The diagnostic accuracy of F-18-Fluorocholine PET/CT requires complementation with accurate PET scanning, the expertise of a nuclear medicine physician as a reader, and the development of an objective quantitative device that enables appropriate clinical judgment. In a previous study evaluating the ability of PSMA-PET to detect intraprostatic PCa, Matthijs et al reported that a semi-quantitative mSUV value of 3.95 per hemigland on PSMA-PET had a sensitivity of 94% in detecting ISUP grade ≥2 PCa. In the current study, we found that a quantitative mSUV value of 2.47 had over 90% sensitivity, and a value of 3.05 had over 80% sensitivity in detecting ISUP grade ≥2 PCa (Table 3). Thus, these values could be objective quantitative measurement values. However, future large-scale studies are needed to verify the findings.

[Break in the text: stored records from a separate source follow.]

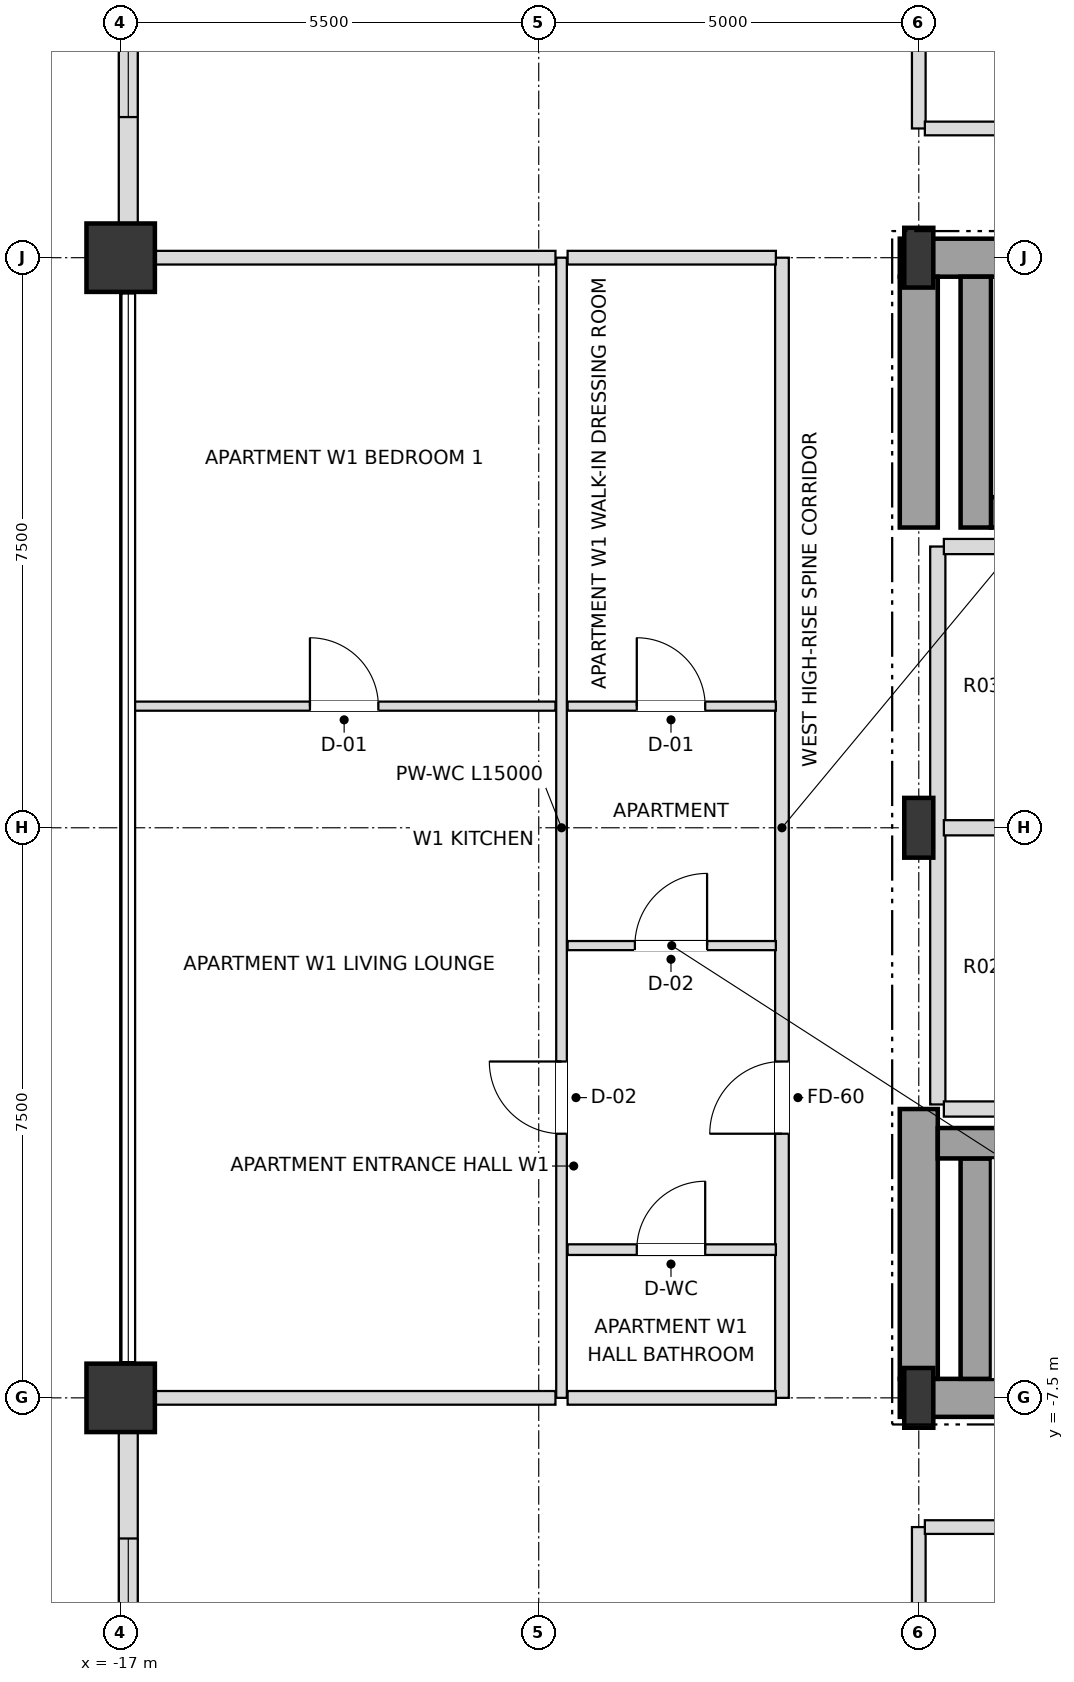
"""IFC4 building model, lengths in metres.
Left out: names, types, materials, properties, quantities, classifications, styles, units other than length and angle.
Written with IfcOpenShell. Run it as: python <this file> out.ifc"""

import sys

from ifc_helpers import new_model, si_unit, direction, frame, frame_2d, origin, origin_2d, place, context, subcontext, project, spatial, rectangle, i_section, extrude, element, fill, save


model = new_model("IFC4")
c1 = context("Model", 3, precision=1e-05, world=origin(), true_north=direction((0.0, 1.0)))
c2 = subcontext(c1, "Body", "Model", "MODEL_VIEW")
j1 = project(units=[si_unit("LENGTHUNIT", "METRE"), si_unit("PLANEANGLEUNIT", "RADIAN")], contexts=[c1])
p1 = place(None, origin())
s1 = spatial("IfcSite", under=j1, at=p1, CompositionType="ELEMENT")
p2 = place(p1, origin())
s2 = spatial("IfcBuilding", under=s1, at=p2, CompositionType="ELEMENT")
p3 = place(p2, frame((0.0, 0.0, 287.1)))
s3 = spatial("IfcBuildingStorey", under=s2, at=p3, CompositionType="ELEMENT", Elevation=287.1)
for number, where, z_axis, x_axis in (
    (1, (-6.5, -7.5, 0.0), (0.0, 0.0, 1.0), (1.0, 0.0, 0.0)),
    (2, (-6.5, 0.0, 0.0), (0.0, 0.0, 1.0), (1.0, 0.0, 0.0)),
    (3, (-6.5, 7.5, 0.0), (0.0, 0.0, 1.0), (1.0, 0.0, 0.0)),
):
    element("IfcColumn", number, at=place(p3, frame(where, z_axis=z_axis, x_axis=x_axis)), inside=s3, PredefinedType="COLUMN", context=c2, shape_type="SweptSolid", body=[
        extrude(i_section(OverallWidth=0.382, OverallDepth=0.786, WebThickness=0.02, FlangeThickness=0.033, at=origin_2d()), origin(), (0.0, 0.0, 1.0), 3.6),
    ])
for number, where, z_axis, x_axis in (
    (4, (-17.0, 7.5, 0.0), (0.0, 0.0, 1.0), (1.0, 0.0, 0.0)),
    (5, (-17.0, -7.5, 0.0), (0.0, 0.0, 1.0), (1.0, 0.0, 0.0)),
):
    element("IfcColumn", number, at=place(p3, frame(where, z_axis=z_axis, x_axis=x_axis)), inside=s3, PredefinedType="USERDEFINED", context=c2, shape_type="SweptSolid", body=[
        extrude(rectangle(XDim=0.9, YDim=0.9, at=origin_2d()), origin(), (0.0, 0.0, 1.0), 3.6),
    ])
p4 = place(p3, frame((-16.9, 12.555, 0.0), z_axis=(0.0, 0.0, 1.0), x_axis=(0.0, -1.0, 0.0)))
e6 = element("IfcWall", 6, at=p4, inside=s3, PredefinedType="SOLIDWALL", context=c2, shape_type="SweptSolid", body=[
    extrude(rectangle(XDim=4.61, YDim=0.25, at=frame_2d((2.305, 0.0))), origin(), (0.0, 0.0, 1.0), 2.748),
])
p5 = place(p4, frame((1.405, 0.0, 0.72)))
e7 = element("IfcOpeningElement", 7, at=p5, cuts=e6, PredefinedType="OPENING", context=c2, shape_type="SweptSolid", body=[
    extrude(rectangle(XDim=1.8, YDim=1.68, at=frame_2d((0.9, 0.84))), frame((0.0, 0.135, 0.0), z_axis=(0.0, -1.0, 0.0), x_axis=(1.0, 0.0, 0.0)), (0.0, 0.0, 1.0), 0.27),
])
p6 = place(p3, frame((-16.9, -7.945, 0.0), z_axis=(0.0, 0.0, 1.0), x_axis=(0.0, -1.0, 0.0)))
e8 = element("IfcWall", 8, at=p6, inside=s3, PredefinedType="SOLIDWALL", context=c2, shape_type="SweptSolid", body=[
    extrude(rectangle(XDim=4.61, YDim=0.25, at=frame_2d((2.305, 0.0))), origin(), (0.0, 0.0, 1.0), 2.748),
])
p7 = place(p6, frame((1.405, 0.0, 0.72)))
e9 = element("IfcOpeningElement", 9, at=p7, cuts=e8, PredefinedType="OPENING", context=c2, shape_type="SweptSolid", body=[
    extrude(rectangle(XDim=1.8, YDim=1.68, at=frame_2d((0.9, 0.84))), frame((0.0, 0.135, 0.0), z_axis=(0.0, -1.0, 0.0), x_axis=(1.0, 0.0, 0.0)), (0.0, 0.0, 1.0), 0.27),
])
p8 = place(p3, frame((-6.75, -7.5, 0.0), z_axis=(0.0, 0.0, 1.0), x_axis=(1.0, 0.0, 0.0)))
e10 = element("IfcWall", 10, at=p8, inside=s3, PredefinedType="SHEAR", context=c2, shape_type="SweptSolid", body=[
    extrude(rectangle(XDim=6.75, YDim=0.5, at=frame_2d((3.375, 0.0))), origin(), (0.0, 0.0, 1.0), 3.38),
])
p9 = place(p3, frame((-6.75, 7.5, 0.0), z_axis=(0.0, 0.0, 1.0), x_axis=(1.0, 0.0, 0.0)))
e11 = element("IfcWall", 11, at=p9, inside=s3, PredefinedType="SHEAR", context=c2, shape_type="SweptSolid", body=[
    extrude(rectangle(XDim=6.75, YDim=0.5, at=frame_2d((3.375, 0.0))), origin(), (0.0, 0.0, 1.0), 3.38),
])
p10 = place(p9, frame((1.65, 0.0, 0.0)))
e12 = element("IfcOpeningElement", 12, at=p10, cuts=e11, PredefinedType="OPENING", context=c2, shape_type="SweptSolid", body=[
    extrude(rectangle(XDim=1.05, YDim=2.15, at=frame_2d((0.525, 1.075))), frame((0.0, 0.26, 0.0), z_axis=(0.0, -1.0, 0.0), x_axis=(1.0, 0.0, 0.0)), (0.0, 0.0, 1.0), 0.52),
])
p11 = place(p3, frame((-6.5, -7.25, 0.0), z_axis=(0.0, 0.0, 1.0), x_axis=(0.0, 1.0, 0.0)))
e13 = element("IfcWall", 13, at=p11, inside=s3, PredefinedType="SHEAR", context=c2, shape_type="SweptSolid", body=[
    extrude(rectangle(XDim=3.55, YDim=0.5, at=frame_2d((1.775, 0.0))), origin(), (0.0, 0.0, 1.0), 3.38),
])
p12 = place(p3, frame((-6.5, 3.95, 0.0), z_axis=(0.0, 0.0, 1.0), x_axis=(0.0, 1.0, 0.0)))
e14 = element("IfcWall", 14, at=p12, inside=s3, PredefinedType="SHEAR", context=c2, shape_type="SweptSolid", body=[
    extrude(rectangle(XDim=3.3, YDim=0.5, at=frame_2d((1.65, 0.0))), origin(), (0.0, 0.0, 1.0), 3.38),
])
p13 = place(p3, frame((-5.75, -7.25, 0.0), z_axis=(0.0, 0.0, 1.0), x_axis=(0.0, 1.0, 0.0)))
e15 = element("IfcWall", 15, at=p13, inside=s3, PredefinedType="SHEAR", context=c2, shape_type="SweptSolid", body=[
    extrude(rectangle(XDim=2.9, YDim=0.4, at=frame_2d((1.45, 0.0))), origin(), (0.0, 0.0, 1.0), 3.38),
])
p14 = place(p3, frame((-6.25, -4.15, 0.0), z_axis=(0.0, 0.0, 1.0), x_axis=(1.0, 0.0, 0.0)))
e16 = element("IfcWall", 16, at=p14, inside=s3, PredefinedType="SHEAR", context=c2, shape_type="SweptSolid", body=[
    extrude(rectangle(XDim=7.78, YDim=0.4, at=frame_2d((3.89, 0.0))), origin(), (0.0, 0.0, 1.0), 3.38),
])
p15 = place(p3, frame((-5.55, 4.15, 0.0), z_axis=(0.0, 0.0, 1.0), x_axis=(1.0, 0.0, 0.0)))
e17 = element("IfcWall", 17, at=p15, inside=s3, PredefinedType="SHEAR", context=c2, shape_type="SweptSolid", body=[
    extrude(rectangle(XDim=7.08, YDim=0.4, at=frame_2d((3.54, 0.0))), origin(), (0.0, 0.0, 1.0), 3.38),
])
p16 = place(p3, frame((-5.75, 3.95, 0.0), z_axis=(0.0, 0.0, 1.0), x_axis=(0.0, 1.0, 0.0)))
e18 = element("IfcWall", 18, at=p16, inside=s3, PredefinedType="SHEAR", context=c2, shape_type="SweptSolid", body=[
    extrude(rectangle(XDim=3.3, YDim=0.4, at=frame_2d((1.65, 0.0))), origin(), (0.0, 0.0, 1.0), 3.38),
])
p17 = place(p3, frame((-11.2, -7.5, 0.0), z_axis=(0.0, 0.0, 1.0), x_axis=(0.0, 1.0, 0.0)))
e19 = element("IfcWall", 19, at=p17, inside=s3, PredefinedType="PARTITIONING", context=c2, shape_type="SweptSolid", body=[
    extrude(rectangle(XDim=15.0, YDim=0.14, at=frame_2d((7.5, 0.0))), origin(), (0.0, 0.0, 1.0), 3.38),
])
p18 = place(p17, frame((3.475, 0.0, 0.0)))
e20 = element("IfcOpeningElement", 20, at=p18, cuts=e19, PredefinedType="OPENING", context=c2, shape_type="SweptSolid", body=[
    extrude(rectangle(XDim=0.95, YDim=2.1, at=frame_2d((0.475, 1.05))), frame((0.0, 0.08, 0.0), z_axis=(0.0, -1.0, 0.0), x_axis=(1.0, 0.0, 0.0)), (0.0, 0.0, 1.0), 0.16),
])
p19 = place(p3, frame((-8.3, -7.5, 0.0), z_axis=(0.0, 0.0, 1.0), x_axis=(0.0, 1.0, 0.0)))
e21 = element("IfcWall", 21, at=p19, inside=s3, PredefinedType="PARTITIONING", context=c2, shape_type="SweptSolid", body=[
    extrude(rectangle(XDim=15.0, YDim=0.18, at=frame_2d((7.5, 0.0))), origin(), (0.0, 0.0, 1.0), 3.38),
])
p20 = place(p19, frame((3.475, 0.0, 0.0)))
e22 = element("IfcOpeningElement", 22, at=p20, cuts=e21, PredefinedType="OPENING", context=c2, shape_type="SweptSolid", body=[
    extrude(rectangle(XDim=0.95, YDim=2.15, at=frame_2d((0.475, 1.075))), frame((0.0, 0.1, 0.0), z_axis=(0.0, -1.0, 0.0), x_axis=(1.0, 0.0, 0.0)), (0.0, 0.0, 1.0), 0.2),
])
for number, where, z_axis, x_axis in (
    (23, (-6.5, -19.9, 0.0), (0.0, 0.0, 1.0), (0.0, 1.0, 0.0)),
    (24, (-6.5, 9.2, 0.0), (0.0, 0.0, 1.0), (0.0, 1.0, 0.0)),
):
    element("IfcWall", number, at=place(p3, frame(where, z_axis=z_axis, x_axis=x_axis)), inside=s3, PredefinedType="PARTITIONING", context=c2, shape_type="SweptSolid", body=[
        extrude(rectangle(XDim=10.7, YDim=0.18, at=frame_2d((5.35, 0.0))), origin(), (0.0, 0.0, 1.0), 2.826),
    ])
p21 = place(p3, frame((-6.25, -3.64, 0.0), z_axis=(0.0, 0.0, 1.0), x_axis=(0.0, 1.0, 0.0)))
e25 = element("IfcWall", 25, at=p21, inside=s3, PredefinedType="SOLIDWALL", context=c2, shape_type="SweptSolid", body=[
    extrude(rectangle(XDim=7.34, YDim=0.2, at=frame_2d((3.67, 0.0))), origin(), (0.0, 0.0, 1.0), 3.38),
])
p22 = place(p3, frame((-6.42, -9.2, 0.0), z_axis=(0.0, 0.0, 1.0), x_axis=(1.0, 0.0, 0.0)))
e26 = element("IfcWall", 26, at=p22, inside=s3, PredefinedType="PARTITIONING", context=c2, shape_type="SweptSolid", body=[
    extrude(rectangle(XDim=5.19, YDim=0.18, at=frame_2d((2.595, 0.0))), origin(), (0.0, 0.0, 1.0), 3.38),
])
p23 = place(p22, frame((2.135, 0.0, 0.0)))
e27 = element("IfcOpeningElement", 27, at=p23, cuts=e26, PredefinedType="OPENING", context=c2, shape_type="SweptSolid", body=[
    extrude(rectangle(XDim=0.95, YDim=2.15, at=frame_2d((0.475, 1.075))), frame((0.0, 0.1, 0.0), z_axis=(0.0, -1.0, 0.0), x_axis=(1.0, 0.0, 0.0)), (0.0, 0.0, 1.0), 0.2),
])
p24 = place(p3, frame((-16.9, -7.5, 0.0), z_axis=(0.0, 0.0, 1.0), x_axis=(1.0, 0.0, 0.0)))
e28 = element("IfcWall", 28, at=p24, inside=s3, PredefinedType="PARTITIONING", context=c2, shape_type="SweptSolid", body=[
    extrude(rectangle(XDim=5.62, YDim=0.18, at=frame_2d((2.81, 0.0))), origin(), (0.0, 0.0, 1.0), 2.826),
])
p25 = place(p3, frame((-11.12, -7.5, 0.0), z_axis=(0.0, 0.0, 1.0), x_axis=(1.0, 0.0, 0.0)))
e29 = element("IfcWall", 29, at=p25, inside=s3, PredefinedType="PARTITIONING", context=c2, shape_type="SweptSolid", body=[
    extrude(rectangle(XDim=2.74, YDim=0.18, at=frame_2d((1.37, 0.0))), origin(), (0.0, 0.0, 1.0), 2.826),
])
p26 = place(p3, frame((-11.12, -5.55, 0.0), z_axis=(0.0, 0.0, 1.0), x_axis=(1.0, 0.0, 0.0)))
e30 = element("IfcWall", 30, at=p26, inside=s3, PredefinedType="PARTITIONING", context=c2, shape_type="SweptSolid", body=[
    extrude(rectangle(XDim=2.74, YDim=0.14, at=frame_2d((1.37, 0.0))), origin(), (0.0, 0.0, 1.0), 3.38),
])
p27 = place(p26, frame((0.91, 0.0, 0.0)))
e31 = element("IfcOpeningElement", 31, at=p27, cuts=e30, PredefinedType="OPENING", context=c2, shape_type="SweptSolid", body=[
    extrude(rectangle(XDim=0.9, YDim=2.1, at=frame_2d((0.45, 1.05))), frame((0.0, 0.08, 0.0), z_axis=(0.0, -1.0, 0.0), x_axis=(1.0, 0.0, 0.0)), (0.0, 0.0, 1.0), 0.16),
])
p28 = place(p3, frame((-6.17, -3.7, 0.0), z_axis=(0.0, 0.0, 1.0), x_axis=(1.0, 0.0, 0.0)))
e32 = element("IfcWall", 32, at=p28, inside=s3, PredefinedType="SOLIDWALL", context=c2, shape_type="SweptSolid", body=[
    extrude(rectangle(XDim=1.94, YDim=0.2, at=frame_2d((0.97, 0.0))), origin(), (0.0, 0.0, 1.0), 3.38),
])
p29 = place(p3, frame((-11.12, -1.55, 0.0), z_axis=(0.0, 0.0, 1.0), x_axis=(1.0, 0.0, 0.0)))
e33 = element("IfcWall", 33, at=p29, inside=s3, PredefinedType="PARTITIONING", context=c2, shape_type="SweptSolid", body=[
    extrude(rectangle(XDim=2.74, YDim=0.12, at=frame_2d((1.37, 0.0))), origin(), (0.0, 0.0, 1.0), 3.38),
])
p30 = place(p29, frame((0.885, 0.0, 0.0)))
e34 = element("IfcOpeningElement", 34, at=p30, cuts=e33, PredefinedType="OPENING", context=c2, shape_type="SweptSolid", body=[
    extrude(rectangle(XDim=0.95, YDim=2.1, at=frame_2d((0.475, 1.05))), frame((0.0, 0.07, 0.0), z_axis=(0.0, -1.0, 0.0), x_axis=(1.0, 0.0, 0.0)), (0.0, 0.0, 1.0), 0.14),
])
p31 = place(p3, frame((-6.17, 0.0, 0.0), z_axis=(0.0, 0.0, 1.0), x_axis=(1.0, 0.0, 0.0)))
e35 = element("IfcWall", 35, at=p31, inside=s3, PredefinedType="SOLIDWALL", context=c2, shape_type="SweptSolid", body=[
    extrude(rectangle(XDim=1.94, YDim=0.2, at=frame_2d((0.97, 0.0))), origin(), (0.0, 0.0, 1.0), 3.38),
])
p32 = place(p3, frame((-16.82, 1.6, 0.0), z_axis=(0.0, 0.0, 1.0), x_axis=(1.0, 0.0, 0.0)))
e36 = element("IfcWall", 36, at=p32, inside=s3, PredefinedType="PARTITIONING", context=c2, shape_type="SweptSolid", body=[
    extrude(rectangle(XDim=5.54, YDim=0.12, at=frame_2d((2.77, 0.0))), origin(), (0.0, 0.0, 1.0), 3.018),
])
p33 = place(p32, frame((2.31, 0.0, 0.0)))
e37 = element("IfcOpeningElement", 37, at=p33, cuts=e36, PredefinedType="OPENING", context=c2, shape_type="SweptSolid", body=[
    extrude(rectangle(XDim=0.9, YDim=2.1, at=frame_2d((0.45, 1.05))), frame((0.0, 0.07, 0.0), z_axis=(0.0, -1.0, 0.0), x_axis=(1.0, 0.0, 0.0)), (0.0, 0.0, 1.0), 0.14),
])
p34 = place(p3, frame((-11.12, 1.6, 0.0), z_axis=(0.0, 0.0, 1.0), x_axis=(1.0, 0.0, 0.0)))
e38 = element("IfcWall", 38, at=p34, inside=s3, PredefinedType="PARTITIONING", context=c2, shape_type="SweptSolid", body=[
    extrude(rectangle(XDim=2.74, YDim=0.12, at=frame_2d((1.37, 0.0))), origin(), (0.0, 0.0, 1.0), 3.38),
])
p35 = place(p34, frame((0.91, 0.0, 0.0)))
e39 = element("IfcOpeningElement", 39, at=p35, cuts=e38, PredefinedType="OPENING", context=c2, shape_type="SweptSolid", body=[
    extrude(rectangle(XDim=0.9, YDim=2.1, at=frame_2d((0.45, 1.05))), frame((0.0, 0.07, 0.0), z_axis=(0.0, -1.0, 0.0), x_axis=(1.0, 0.0, 0.0)), (0.0, 0.0, 1.0), 0.14),
])
p36 = place(p3, frame((-6.17, 3.7, 0.0), z_axis=(0.0, 0.0, 1.0), x_axis=(1.0, 0.0, 0.0)))
e40 = element("IfcWall", 40, at=p36, inside=s3, PredefinedType="SOLIDWALL", context=c2, shape_type="SweptSolid", body=[
    extrude(rectangle(XDim=1.94, YDim=0.2, at=frame_2d((0.97, 0.0))), origin(), (0.0, 0.0, 1.0), 3.38),
])
p37 = place(p3, frame((-16.9, 7.5, 0.0), z_axis=(0.0, 0.0, 1.0), x_axis=(1.0, 0.0, 0.0)))
e41 = element("IfcWall", 41, at=p37, inside=s3, PredefinedType="PARTITIONING", context=c2, shape_type="SweptSolid", body=[
    extrude(rectangle(XDim=5.62, YDim=0.18, at=frame_2d((2.81, 0.0))), origin(), (0.0, 0.0, 1.0), 2.826),
])
p38 = place(p3, frame((-11.12, 7.5, 0.0), z_axis=(0.0, 0.0, 1.0), x_axis=(1.0, 0.0, 0.0)))
e42 = element("IfcWall", 42, at=p38, inside=s3, PredefinedType="PARTITIONING", context=c2, shape_type="SweptSolid", body=[
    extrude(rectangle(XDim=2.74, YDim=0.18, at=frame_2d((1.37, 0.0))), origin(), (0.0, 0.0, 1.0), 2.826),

The present study had several limitations. First, we performed a (sextant) segment-based analysis, not a lesion-based. However, given the potential bias, the innate nature of multifocality in PCa should be regarded. Thus, we believe that this approach would be more useful in assessing the ability of mpMRI and F-18-Fluorocholine PET/CT to detect segments containing clinically significant PCa compared to the diagnostic accuracy of lesion-based analysis on face value. Second, even in a study of a large tertiary institution with a prospective database, the small number of patients was a crucial drawback. Subsequently, selection bias was introduced with all patients having biopsy-confirmed clinically significant PCa (ISUP grade ≥2, Table 1). In addition, only a small number of patients with positive LNs on imaging were obtained, so an additional analysis of LN metastasis could not be performed (Supplemental Figure 2). Therefore, further evaluation in a larger and prospective cohort would be helpful to validate these preliminary findings.

Conclusions

mpMRI had results superior to F-18-Fluorocholine PET/CT in assessing intraprostatic tumor localization. However, F-18-Fluorocholine PET/CT showed superiority in terms of specificity. Thus, both modalities in conjunction would be useful for better treatment planning.

Conflicts of interest

All authors have no conflicts of interest to disclose.